Code Louisville offers students unique online learning, career-ready training, and mentorship from experienced software development professionals. Hundreds of industry mentors have now donated a total of 15,000 hours to Code Louisville, including many program graduates. For example, more than 40% of the 91 mentors who will be appointed in 2022 are former Code Louisville students.

Today’s event is hosted by Virtual Peaker, a local energy technology company founded in 2015, along with El Toro, Humana, Switcher Studio, Waystar and UPS, and is one of the top employers for Code Louisville graduates. In total, more than 300 companies have employed at least one Code Louisville graduate over the past seven years.

“Code Louisville has been instrumental to the growth and success of Virtual Peaker’s development team and, ultimately, our technology platform,” said Dr. Bill Burke, the company’s CEO and founder. “We built our hiring strategy around this program and it has proven successful as we hired 14 full-time engineers directly from Code Louisville. We look forward to this ongoing partnership as our team continues to expand.”

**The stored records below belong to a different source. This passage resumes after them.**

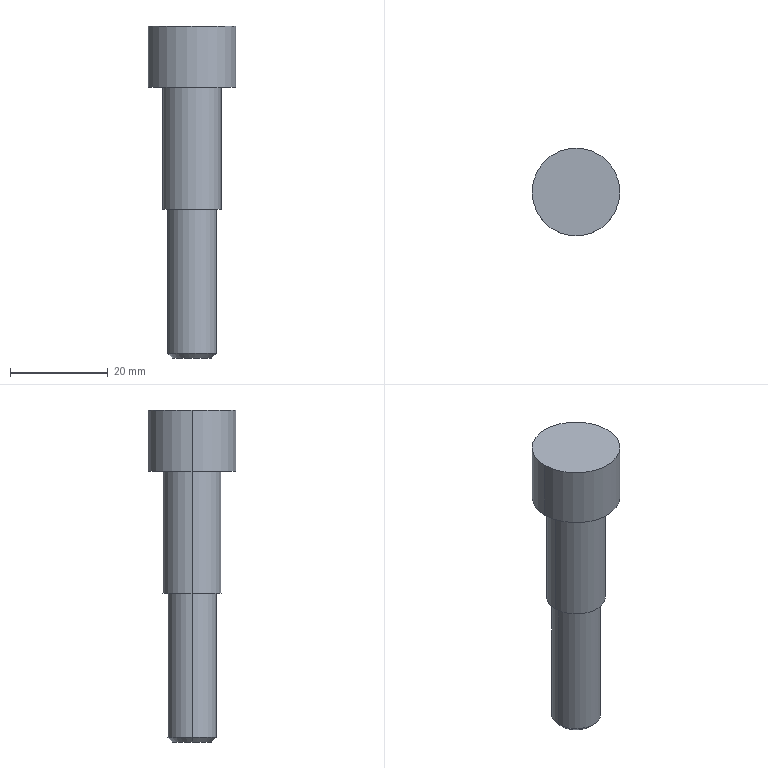Component | SolidWorks | ScrewM10-1 | 1 solid | 12 faces | box 18 x 18 x 68 mm | volume 8389 mm3 | cylinder 6 | plane 4 | cone 2 | commonest cylinder face diameters 10 x2 12 x2 18 x2
build123d program:
from build123d import *

# Parameters (mm, degrees)
CHAMFER1_SIZE = 1


with BuildPart() as part:
    # Sketch1 → Revolve1 (revolve)
    with BuildSketch(Plane.XY, mode=Mode.PRIVATE) as revolve1_sk:
        Polygon((0, 0), (9, 0), (9, 12.5), (6, 12.5), (6, 37.5), (5, 37.5), (5, 68), (0, 68), align=None)
    revolve(revolve1_sk.sketch.rotate(Axis((0, 68, 0), (0, -1, 0)), 180), axis=Axis((0, 68, 0), (0, -1, 0)))

    # Chamfer1
    chamfer1_edges = [part.edges().sort_by_distance(p)[0] for p in [
        (5, 68, 0),
    ]]
    chamfer(chamfer1_edges, length=CHAMFER1_SIZE)


solid = part.part

# Placed as in the assembly
solid = solid.moved(Location((-60.871, 27.262, 12.561), (-90, 0, 0)))
STEP:
#1=CARTESIAN_POINT('',(-2.554,1.073,-2.183));
#2=VERTEX_POINT('',#1);
#3=CARTESIAN_POINT('',(-2.239,1.073,-2.183));
#4=VERTEX_POINT('',#3);
#5=CARTESIAN_POINT('',(-2.396,1.073,-2.183));
#6=DIRECTION('',(0.,-0.,-1.));
#7=DIRECTION('',(1.,0.,0.));
#8=AXIS2_PLACEMENT_3D('',#5,#6,#7);
#9=CIRCLE('',#8,0.1575);
#10=EDGE_CURVE('',#2,#4,#9,.T.);
#11=ORIENTED_EDGE('',*,*,#10,.F.);
#12=CARTESIAN_POINT('',(-2.593,1.073,-2.143));
#13=VERTEX_POINT('',#12);
#14=CARTESIAN_POINT('',(-2.554,1.073,-2.183));
#15=DIRECTION('',(-0.7071,0.,0.7071));
#16=VECTOR('',#15,39.37);
#17=LINE('',#14,#16);
#18=EDGE_CURVE('',#2,#13,#17,.T.);
#19=ORIENTED_EDGE('',*,*,#18,.T.);
#20=CARTESIAN_POINT('',(-2.2,1.073,-2.143));
#21=VERTEX_POINT('',#20);
#22=CARTESIAN_POINT('',(-2.396,1.073,-2.143));
#23=DIRECTION('',(0.,0.,1.));
#24=DIRECTION('',(1.,0.,0.));
#25=AXIS2_PLACEMENT_3D('',#22,#23,#24);
#26=CIRCLE('',#25,0.1969);
#27=EDGE_CURVE('',#21,#13,#26,.T.);
#28=ORIENTED_EDGE('',*,*,#27,.F.);
#29=CARTESIAN_POINT('',(-2.239,1.073,-2.183));
#30=DIRECTION('',(0.7071,0.,0.7071));
#31=VECTOR('',#30,39.37);
#32=LINE('',#29,#31);
#33=EDGE_CURVE('',#4,#21,#32,.T.);
#34=ORIENTED_EDGE('',*,*,#33,.F.);
#35=EDGE_LOOP('',(#11,#19,#28,#34));
#36=FACE_OUTER_BOUND('',#35,.T.);
#37=CARTESIAN_POINT('',(-2.396,1.073,-2.183));
#38=DIRECTION('',(0.,0.,1.));
#39=DIRECTION('',(1.,0.,0.));
#40=AXIS2_PLACEMENT_3D('',#37,#38,#39);
#41=CONICAL_SURFACE('',#40,0.1575,0.7854);
#42=ADVANCED_FACE('',(#36),#41,.T.);
#43=CARTESIAN_POINT('',(-2.593,1.073,-0.9819));
#44=VERTEX_POINT('',#43);
#45=CARTESIAN_POINT('',(-2.2,1.073,-0.9819));
#46=VERTEX_POINT('',#45);
#47=CARTESIAN_POINT('',(-2.396,1.073,-0.9819));
#48=DIRECTION('',(0.,-0.,-1.));
#49=DIRECTION('',(-1.,0.,0.));
#50=AXIS2_PLACEMENT_3D('',#47,#48,#49);
#51=CIRCLE('',#50,0.1969);
#52=EDGE_CURVE('',#44,#46,#51,.T.);
#53=ORIENTED_EDGE('',*,*,#52,.T.);
#54=CARTESIAN_POINT('',(-2.2,1.073,-2.183));
#55=DIRECTION('',(0.,-0.,-1.));
#56=VECTOR('',#55,39.37);
#57=LINE('',#54,#56);
#58=EDGE_CURVE('',#46,#21,#57,.T.);
#59=ORIENTED_EDGE('',*,*,#58,.T.);
#60=ORIENTED_EDGE('',*,*,#27,.T.);
#61=CARTESIAN_POINT('',(-2.593,1.073,-2.183));
#62=DIRECTION('',(0.,-0.,-1.));
#63=VECTOR('',#62,39.37);
#64=LINE('',#61,#63);
#65=EDGE_CURVE('',#44,#13,#64,.T.);
#66=ORIENTED_EDGE('',*,*,#65,.F.);
#67=EDGE_LOOP('',(#53,#59,#60,#66));
#68=FACE_OUTER_BOUND('',#67,.T.);
#69=CARTESIAN_POINT('',(-2.396,1.073,-2.183));
#70=DIRECTION('',(0.,-0.,-1.));
#71=DIRECTION('',(-1.,0.,0.));
#72=AXIS2_PLACEMENT_3D('',#69,#70,#71);
#73=CYLINDRICAL_SURFACE('',#72,0.1969);
#74=ADVANCED_FACE('',(#68),#73,.T.);
#75=CARTESIAN_POINT('',(-2.633,1.073,0.002394));
#76=VERTEX_POINT('',#75);
#77=CARTESIAN_POINT('',(-2.16,1.073,0.002394));
#78=VERTEX_POINT('',#77);
#79=CARTESIAN_POINT('',(-2.396,1.073,0.002394));
#80=DIRECTION('',(0.,-0.,-1.));
#81=DIRECTION('',(-1.,0.,0.));
#82=AXIS2_PLACEMENT_3D('',#79,#80,#81);
#83=CIRCLE('',#82,0.2362);
#84=EDGE_CURVE('',#76,#78,#83,.T.);
#85=ORIENTED_EDGE('',*,*,#84,.T.);
#86=CARTESIAN_POINT('',(-2.16,1.073,-0.9819));
#87=VERTEX_POINT('',#86);
#88=CARTESIAN_POINT('',(-2.16,1.073,-2.183));
#89=DIRECTION('',(0.,-0.,-1.));
#90=VECTOR('',#89,39.37);
#91=LINE('',#88,#90);
#92=EDGE_CURVE('',#78,#87,#91,.T.);
#93=ORIENTED_EDGE('',*,*,#92,.T.);
#94=CARTESIAN_POINT('',(-2.633,1.073,-0.9819));
#95=VERTEX_POINT('',#94);
#96=CARTESIAN_POINT('',(-2.396,1.073,-0.9819));
#97=DIRECTION('',(0.,-0.,-1.));
#98=DIRECTION('',(-1.,0.,0.));
#99=AXIS2_PLACEMENT_3D('',#96,#97,#98);
#100=CIRCLE('',#99,0.2362);
#101=EDGE_CURVE('',#95,#87,#100,.T.);
#102=ORIENTED_EDGE('',*,*,#101,.F.);
#103=CARTESIAN_POINT('',(-2.633,1.073,-2.183));
#104=DIRECTION('',(0.,-0.,-1.));
#105=VECTOR('',#104,39.37);
#106=LINE('',#103,#105);
#107=EDGE_CURVE('',#76,#95,#106,.T.);
#108=ORIENTED_EDGE('',*,*,#107,.F.);
#109=EDGE_LOOP('',(#85,#93,#102,#108));
#110=FACE_OUTER_BOUND('',#109,.T.);
#111=CARTESIAN_POINT('',(-2.396,1.073,-2.183));
#112=DIRECTION('',(0.,-0.,-1.));
#113=DIRECTION('',(-1.,0.,0.));
#114=AXIS2_PLACEMENT_3D('',#111,#112,#113);
#115=CYLINDRICAL_SURFACE('',#114,0.2362);
#116=ADVANCED_FACE('',(#110),#115,.T.);
#117=CARTESIAN_POINT('',(-2.751,1.073,0.4945));
#118=VERTEX_POINT('',#117);
#119=CARTESIAN_POINT('',(-2.042,1.073,0.4945));
#120=VERTEX_POINT('',#119);
#121=CARTESIAN_POINT('',(-2.396,1.073,0.4945));
#122=DIRECTION('',(0.,-0.,-1.));
#123=DIRECTION('',(-1.,0.,0.));
#124=AXIS2_PLACEMENT_3D('',#121,#122,#123);
#125=CIRCLE('',#124,0.3543);
#126=EDGE_CURVE('',#118,#120,#125,.T.);
#127=ORIENTED_EDGE('',*,*,#126,.T.);
#128=CARTESIAN_POINT('',(-2.042,1.073,0.002394));
#129=VERTEX_POINT('',#128);
#130=CARTESIAN_POINT('',(-2.042,1.073,-2.183));
#131=DIRECTION('',(0.,-0.,-1.));
#132=VECTOR('',#131,39.37);
#133=LINE('',#130,#132);
#134=EDGE_CURVE('',#120,#129,#133,.T.);
#135=ORIENTED_EDGE('',*,*,#134,.T.);
#136=CARTESIAN_POINT('',(-2.751,1.073,0.002394));
#137=VERTEX_POINT('',#136);
#138=CARTESIAN_POINT('',(-2.396,1.073,0.002394));
#139=DIRECTION('',(0.,-0.,-1.));
#140=DIRECTION('',(-1.,0.,0.));
#141=AXIS2_PLACEMENT_3D('',#138,#139,#140);
#142=CIRCLE('',#141,0.3543);
#143=EDGE_CURVE('',#137,#129,#142,.T.);
#144=ORIENTED_EDGE('',*,*,#143,.F.);
#145=CARTESIAN_POINT('',(-2.751,1.073,-2.183));
#146=DIRECTION('',(0.,-0.,-1.));
#147=VECTOR('',#146,39.37);
#148=LINE('',#145,#147);
#149=EDGE_CURVE('',#118,#137,#148,.T.);
#150=ORIENTED_EDGE('',*,*,#149,.F.);
#151=EDGE_LOOP('',(#127,#135,#144,#150));
#152=FACE_OUTER_BOUND('',#151,.T.);
#153=CARTESIAN_POINT('',(-2.396,1.073,-2.183));
#154=DIRECTION('',(0.,-0.,-1.));
#155=DIRECTION('',(-1.,0.,0.));
#156=AXIS2_PLACEMENT_3D('',#153,#154,#155);
#157=CYLINDRICAL_SURFACE('',#156,0.3543);
#158=ADVANCED_FACE('',(#152),#157,.T.);
#159=ORIENTED_EDGE('',*,*,#126,.F.);
#160=CARTESIAN_POINT('',(-2.396,1.073,0.4945));
#161=DIRECTION('',(0.,-0.,-1.));
#162=DIRECTION('',(-1.,0.,0.));
#163=AXIS2_PLACEMENT_3D('',#160,#161,#162);
#164=CIRCLE('',#163,0.3543);
#165=EDGE_CURVE('',#120,#118,#164,.T.);
#166=ORIENTED_EDGE('',*,*,#165,.F.);
#167=EDGE_LOOP('',(#159,#166));
#168=FACE_OUTER_BOUND('',#167,.T.);
#169=CARTESIAN_POINT('',(-2.396,1.073,0.4945));
#170=DIRECTION('',(0.,-0.,-1.));
#171=DIRECTION('',(-1.,-0.,0.));
#172=AXIS2_PLACEMENT_3D('',#169,#170,#171);
#173=PLANE('',#172);
#174=ADVANCED_FACE('',(#168),#173,.F.);
#175=ORIENTED_EDGE('',*,*,#134,.F.);
#176=ORIENTED_EDGE('',*,*,#165,.T.);
#177=ORIENTED_EDGE('',*,*,#149,.T.);
#178=CARTESIAN_POINT('',(-2.396,1.073,0.002394));
#179=DIRECTION('',(0.,-0.,-1.));
#180=DIRECTION('',(-1.,0.,0.));
#181=AXIS2_PLACEMENT_3D('',#178,#179,#180);
#182=CIRCLE('',#181,0.3543);
#183=EDGE_CURVE('',#129,#137,#182,.T.);
#184=ORIENTED_EDGE('',*,*,#183,.F.);
#185=EDGE_LOOP('',(#175,#176,#177,#184));
#186=FACE_OUTER_BOUND('',#185,.T.);
#187=CARTESIAN_POINT('',(-2.396,1.073,-2.183));
#188=DIRECTION('',(0.,-0.,-1.));
#189=DIRECTION('',(-1.,0.,0.));
#190=AXIS2_PLACEMENT_3D('',#187,#188,#189);
#191=CYLINDRICAL_SURFACE('',#190,0.3543);
#192=ADVANCED_FACE('',(#186),#191,.T.);
#193=ORIENTED_EDGE('',*,*,#84,.F.);
#194=CARTESIAN_POINT('',(-2.396,1.073,0.002394));
#195=DIRECTION('',(0.,-0.,-1.));
#196=DIRECTION('',(-1.,0.,0.));
#197=AXIS2_PLACEMENT_3D('',#194,#195,#196);
#198=CIRCLE('',#197,0.2362);
#199=EDGE_CURVE('',#78,#76,#198,.T.);
#200=ORIENTED_EDGE('',*,*,#199,.F.);
#201=EDGE_LOOP('',(#193,#200));
#202=FACE_BOUND('',#201,.T.);
#203=ORIENTED_EDGE('',*,*,#143,.T.);
#204=ORIENTED_EDGE('',*,*,#183,.T.);
#205=EDGE_LOOP('',(#203,#204));
#206=FACE_OUTER_BOUND('',#205,.T.);
#207=CARTESIAN_POINT('',(-2.042,1.073,0.002394));
#208=DIRECTION('',(-0.,0.,1.));
#209=DIRECTION('',(1.,0.,0.));
#210=AXIS2_PLACEMENT_3D('',#207,#208,#209);
#211=PLANE('',#210);
#212=ADVANCED_FACE('',(#202,#206),#211,.F.);
#213=ORIENTED_EDGE('',*,*,#92,.F.);
#214=ORIENTED_EDGE('',*,*,#199,.T.);
#215=ORIENTED_EDGE('',*,*,#107,.T.);
#216=CARTESIAN_POINT('',(-2.396,1.073,-0.9819));
#217=DIRECTION('',(0.,-0.,-1.));
#218=DIRECTION('',(-1.,0.,0.));
#219=AXIS2_PLACEMENT_3D('',#216,#217,#218);
#220=CIRCLE('',#219,0.2362);
#221=EDGE_CURVE('',#87,#95,#220,.T.);
#222=ORIENTED_EDGE('',*,*,#221,.F.);
#223=EDGE_LOOP('',(#213,#214,#215,#222));
#224=FACE_OUTER_BOUND('',#223,.T.);
#225=CARTESIAN_POINT('',(-2.396,1.073,-2.183));
#226=DIRECTION('',(0.,-0.,-1.));
#227=DIRECTION('',(-1.,0.,0.));
#228=AXIS2_PLACEMENT_3D('',#225,#226,#227);
#229=CYLINDRICAL_SURFACE('',#228,0.2362);
#230=ADVANCED_FACE('',(#224),#229,.T.);
#231=ORIENTED_EDGE('',*,*,#52,.F.);
#232=CARTESIAN_POINT('',(-2.396,1.073,-0.9819));
#233=DIRECTION('',(0.,-0.,-1.));
#234=DIRECTION('',(-1.,0.,0.));
#235=AXIS2_PLACEMENT_3D('',#232,#233,#234);
#236=CIRCLE('',#235,0.1969);
#237=EDGE_CURVE('',#46,#44,#236,.T.);
#238=ORIENTED_EDGE('',*,*,#237,.F.);
#239=EDGE_LOOP('',(#231,#238));
#240=FACE_BOUND('',#239,.T.);
#241=ORIENTED_EDGE('',*,*,#101,.T.);
#242=ORIENTED_EDGE('',*,*,#221,.T.);
#243=EDGE_LOOP('',(#241,#242));
#244=FACE_OUTER_BOUND('',#243,.T.);
#245=CARTESIAN_POINT('',(-2.16,1.073,-0.9819));
#246=DIRECTION('',(-0.,0.,1.));
#247=DIRECTION('',(1.,0.,0.));
#248=AXIS2_PLACEMENT_3D('',#245,#246,#247);
#249=PLANE('',#248);
#250=ADVANCED_FACE('',(#240,#244),#249,.F.);
#251=ORIENTED_EDGE('',*,*,#58,.F.);
#252=ORIENTED_EDGE('',*,*,#237,.T.);
#253=ORIENTED_EDGE('',*,*,#65,.T.);
#254=CARTESIAN_POINT('',(-2.396,1.073,-2.143));
#255=DIRECTION('',(0.,0.,1.));
#256=DIRECTION('',(1.,0.,0.));
#257=AXIS2_PLACEMENT_3D('',#254,#255,#256);
#258=CIRCLE('',#257,0.1969);
#259=EDGE_CURVE('',#13,#21,#258,.T.);
#260=ORIENTED_EDGE('',*,*,#259,.T.);
#261=EDGE_LOOP('',(#251,#252,#253,#260));
#262=FACE_OUTER_BOUND('',#261,.T.);
#263=CARTESIAN_POINT('',(-2.396,1.073,-2.183));
#264=DIRECTION('',(0.,-0.,-1.));
#265=DIRECTION('',(-1.,0.,0.));
#266=AXIS2_PLACEMENT_3D('',#263,#264,#265);
#267=CYLINDRICAL_SURFACE('',#266,0.1969);
#268=ADVANCED_FACE('',(#262),#267,.T.);
#269=CARTESIAN_POINT('',(-2.396,1.073,-2.183));
#270=DIRECTION('',(0.,-0.,-1.));
#271=DIRECTION('',(1.,0.,0.));
#272=AXIS2_PLACEMENT_3D('',#269,#270,#271);
#273=CIRCLE('',#272,0.1575);
#274=EDGE_CURVE('',#4,#2,#273,.T.);
#275=ORIENTED_EDGE('',*,*,#274,.T.);
#276=ORIENTED_EDGE('',*,*,#10,.T.);
#277=EDGE_LOOP('',(#275,#276));
#278=FACE_OUTER_BOUND('',#277,.T.);
#279=CARTESIAN_POINT('',(-2.2,1.073,-2.183));
#280=DIRECTION('',(-0.,0.,1.));
#281=DIRECTION('',(1.,0.,0.));
#282=AXIS2_PLACEMENT_3D('',#279,#280,#281);
#283=PLANE('',#282);
#284=ADVANCED_FACE('',(#278),#283,.F.);
#285=ORIENTED_EDGE('',*,*,#18,.F.);
#286=ORIENTED_EDGE('',*,*,#274,.F.);
#287=ORIENTED_EDGE('',*,*,#33,.T.);
#288=ORIENTED_EDGE('',*,*,#259,.F.);
#289=EDGE_LOOP('',(#285,#286,#287,#288));
#290=FACE_OUTER_BOUND('',#289,.T.);
#291=CARTESIAN_POINT('',(-2.396,1.073,-2.183));
#292=DIRECTION('',(0.,0.,1.));
#293=DIRECTION('',(1.,0.,0.));
#294=AXIS2_PLACEMENT_3D('',#291,#292,#293);
#295=CONICAL_SURFACE('',#294,0.1575,0.7854);
#296=ADVANCED_FACE('',(#290),#295,.T.);
#297=CLOSED_SHELL('',(#42,#74,#116,#158,#174,#192,#212,#230,#250,#268,#284,#296));
#298=MANIFOLD_SOLID_BREP('',#297);
#299=CARTESIAN_POINT('',(0.,0.,0.));
#300=DIRECTION('',(0.,0.,1.));
#301=DIRECTION('',(1.,0.,0.));
#302=AXIS2_PLACEMENT_3D('',#299,#300,#301);
#303=(LENGTH_UNIT()NAMED_UNIT(*)SI_UNIT($,.METRE.));
#304=LENGTH_MEASURE_WITH_UNIT(LENGTH_MEASURE(0.0254),#303);
#305=DIMENSIONAL_EXPONENTS(1.,0.,0.,0.,0.,0.,0.);
#306=(CONVERSION_BASED_UNIT('',#304)LENGTH_UNIT()NAMED_UNIT(#305));
#307=UNCERTAINTY_MEASURE_WITH_UNIT(LENGTH_MEASURE(0.00001),#306,'','');
#308=(NAMED_UNIT(*)PLANE_ANGLE_UNIT()SI_UNIT($,.RADIAN.));
#309=(NAMED_UNIT(*)SI_UNIT($,.STERADIAN.)SOLID_ANGLE_UNIT());
#310=(GEOMETRIC_REPRESENTATION_CONTEXT(3)GLOBAL_UNCERTAINTY_ASSIGNED_CONTEXT((#307))GLOBAL_UNIT_ASSIGNED_CONTEXT((#306,#308,#309))REPRESENTATION_CONTEXT('',''));
#311=ADVANCED_BREP_SHAPE_REPRESENTATION('',(#298,#302),#310);
#312=COLOUR_RGB('',0.7922,0.8196,0.9333);
#313=FILL_AREA_STYLE_COLOUR('',#312);
#314=FILL_AREA_STYLE('',(#313));
#315=SURFACE_STYLE_FILL_AREA(#314);
#316=SURFACE_SIDE_STYLE('',(#315));
#317=SURFACE_STYLE_USAGE(.BOTH.,#316);
#318=PRESENTATION_STYLE_ASSIGNMENT((#317));
#319=STYLED_ITEM('',(#318),#298);
#320=(LENGTH_UNIT()NAMED_UNIT(*)SI_UNIT($,.METRE.));
#321=LENGTH_MEASURE_WITH_UNIT(LENGTH_MEASURE(0.0254),#320);
#322=DIMENSIONAL_EXPONENTS(1.,0.,0.,0.,0.,0.,0.);
#323=(CONVERSION_BASED_UNIT('',#321)LENGTH_UNIT()NAMED_UNIT(#322));
#324=UNCERTAINTY_MEASURE_WITH_UNIT(LENGTH_MEASURE(0.00001),#323,'','');
#325=(NAMED_UNIT(*)PLANE_ANGLE_UNIT()SI_UNIT($,.RADIAN.));
#326=(NAMED_UNIT(*)SI_UNIT($,.STERADIAN.)SOLID_ANGLE_UNIT());
#327=(GEOMETRIC_REPRESENTATION_CONTEXT(3)GLOBAL_UNCERTAINTY_ASSIGNED_CONTEXT((#324))GLOBAL_UNIT_ASSIGNED_CONTEXT((#323,#325,#326))REPRESENTATION_CONTEXT('',''));
#328=MECHANICAL_DESIGN_GEOMETRIC_PRESENTATION_REPRESENTATION('',(#319),#327);
#329=PRESENTATION_LAYER_ASSIGNMENT('','',(#319));

Code Louisville graduate Shawn Offutt, who has been a software developer at Virtual Peaker since 2020, also talks about his experience breaking into the tech industry. “Before Code Louisville, I worked in warehouses. “Getting into tech was my goal, but I couldn’t afford to go back to school at the time,” he says. “Code Louisville helped me get promoted to front office and then transition to full-time software. Developer career. The training is absolutely top notch…everyone there is ready to help you. “

Brittney Coble, now a support operations engineer at Capella Space, also talks about the impact Code Louisville has had on her career. “Code Louisville didn’t just teach me how to code, it taught me how to solve problems so I could continue to learn and improve my skills after I graduated,” said Coble, who later mentored multiple Code teams of Louisville students.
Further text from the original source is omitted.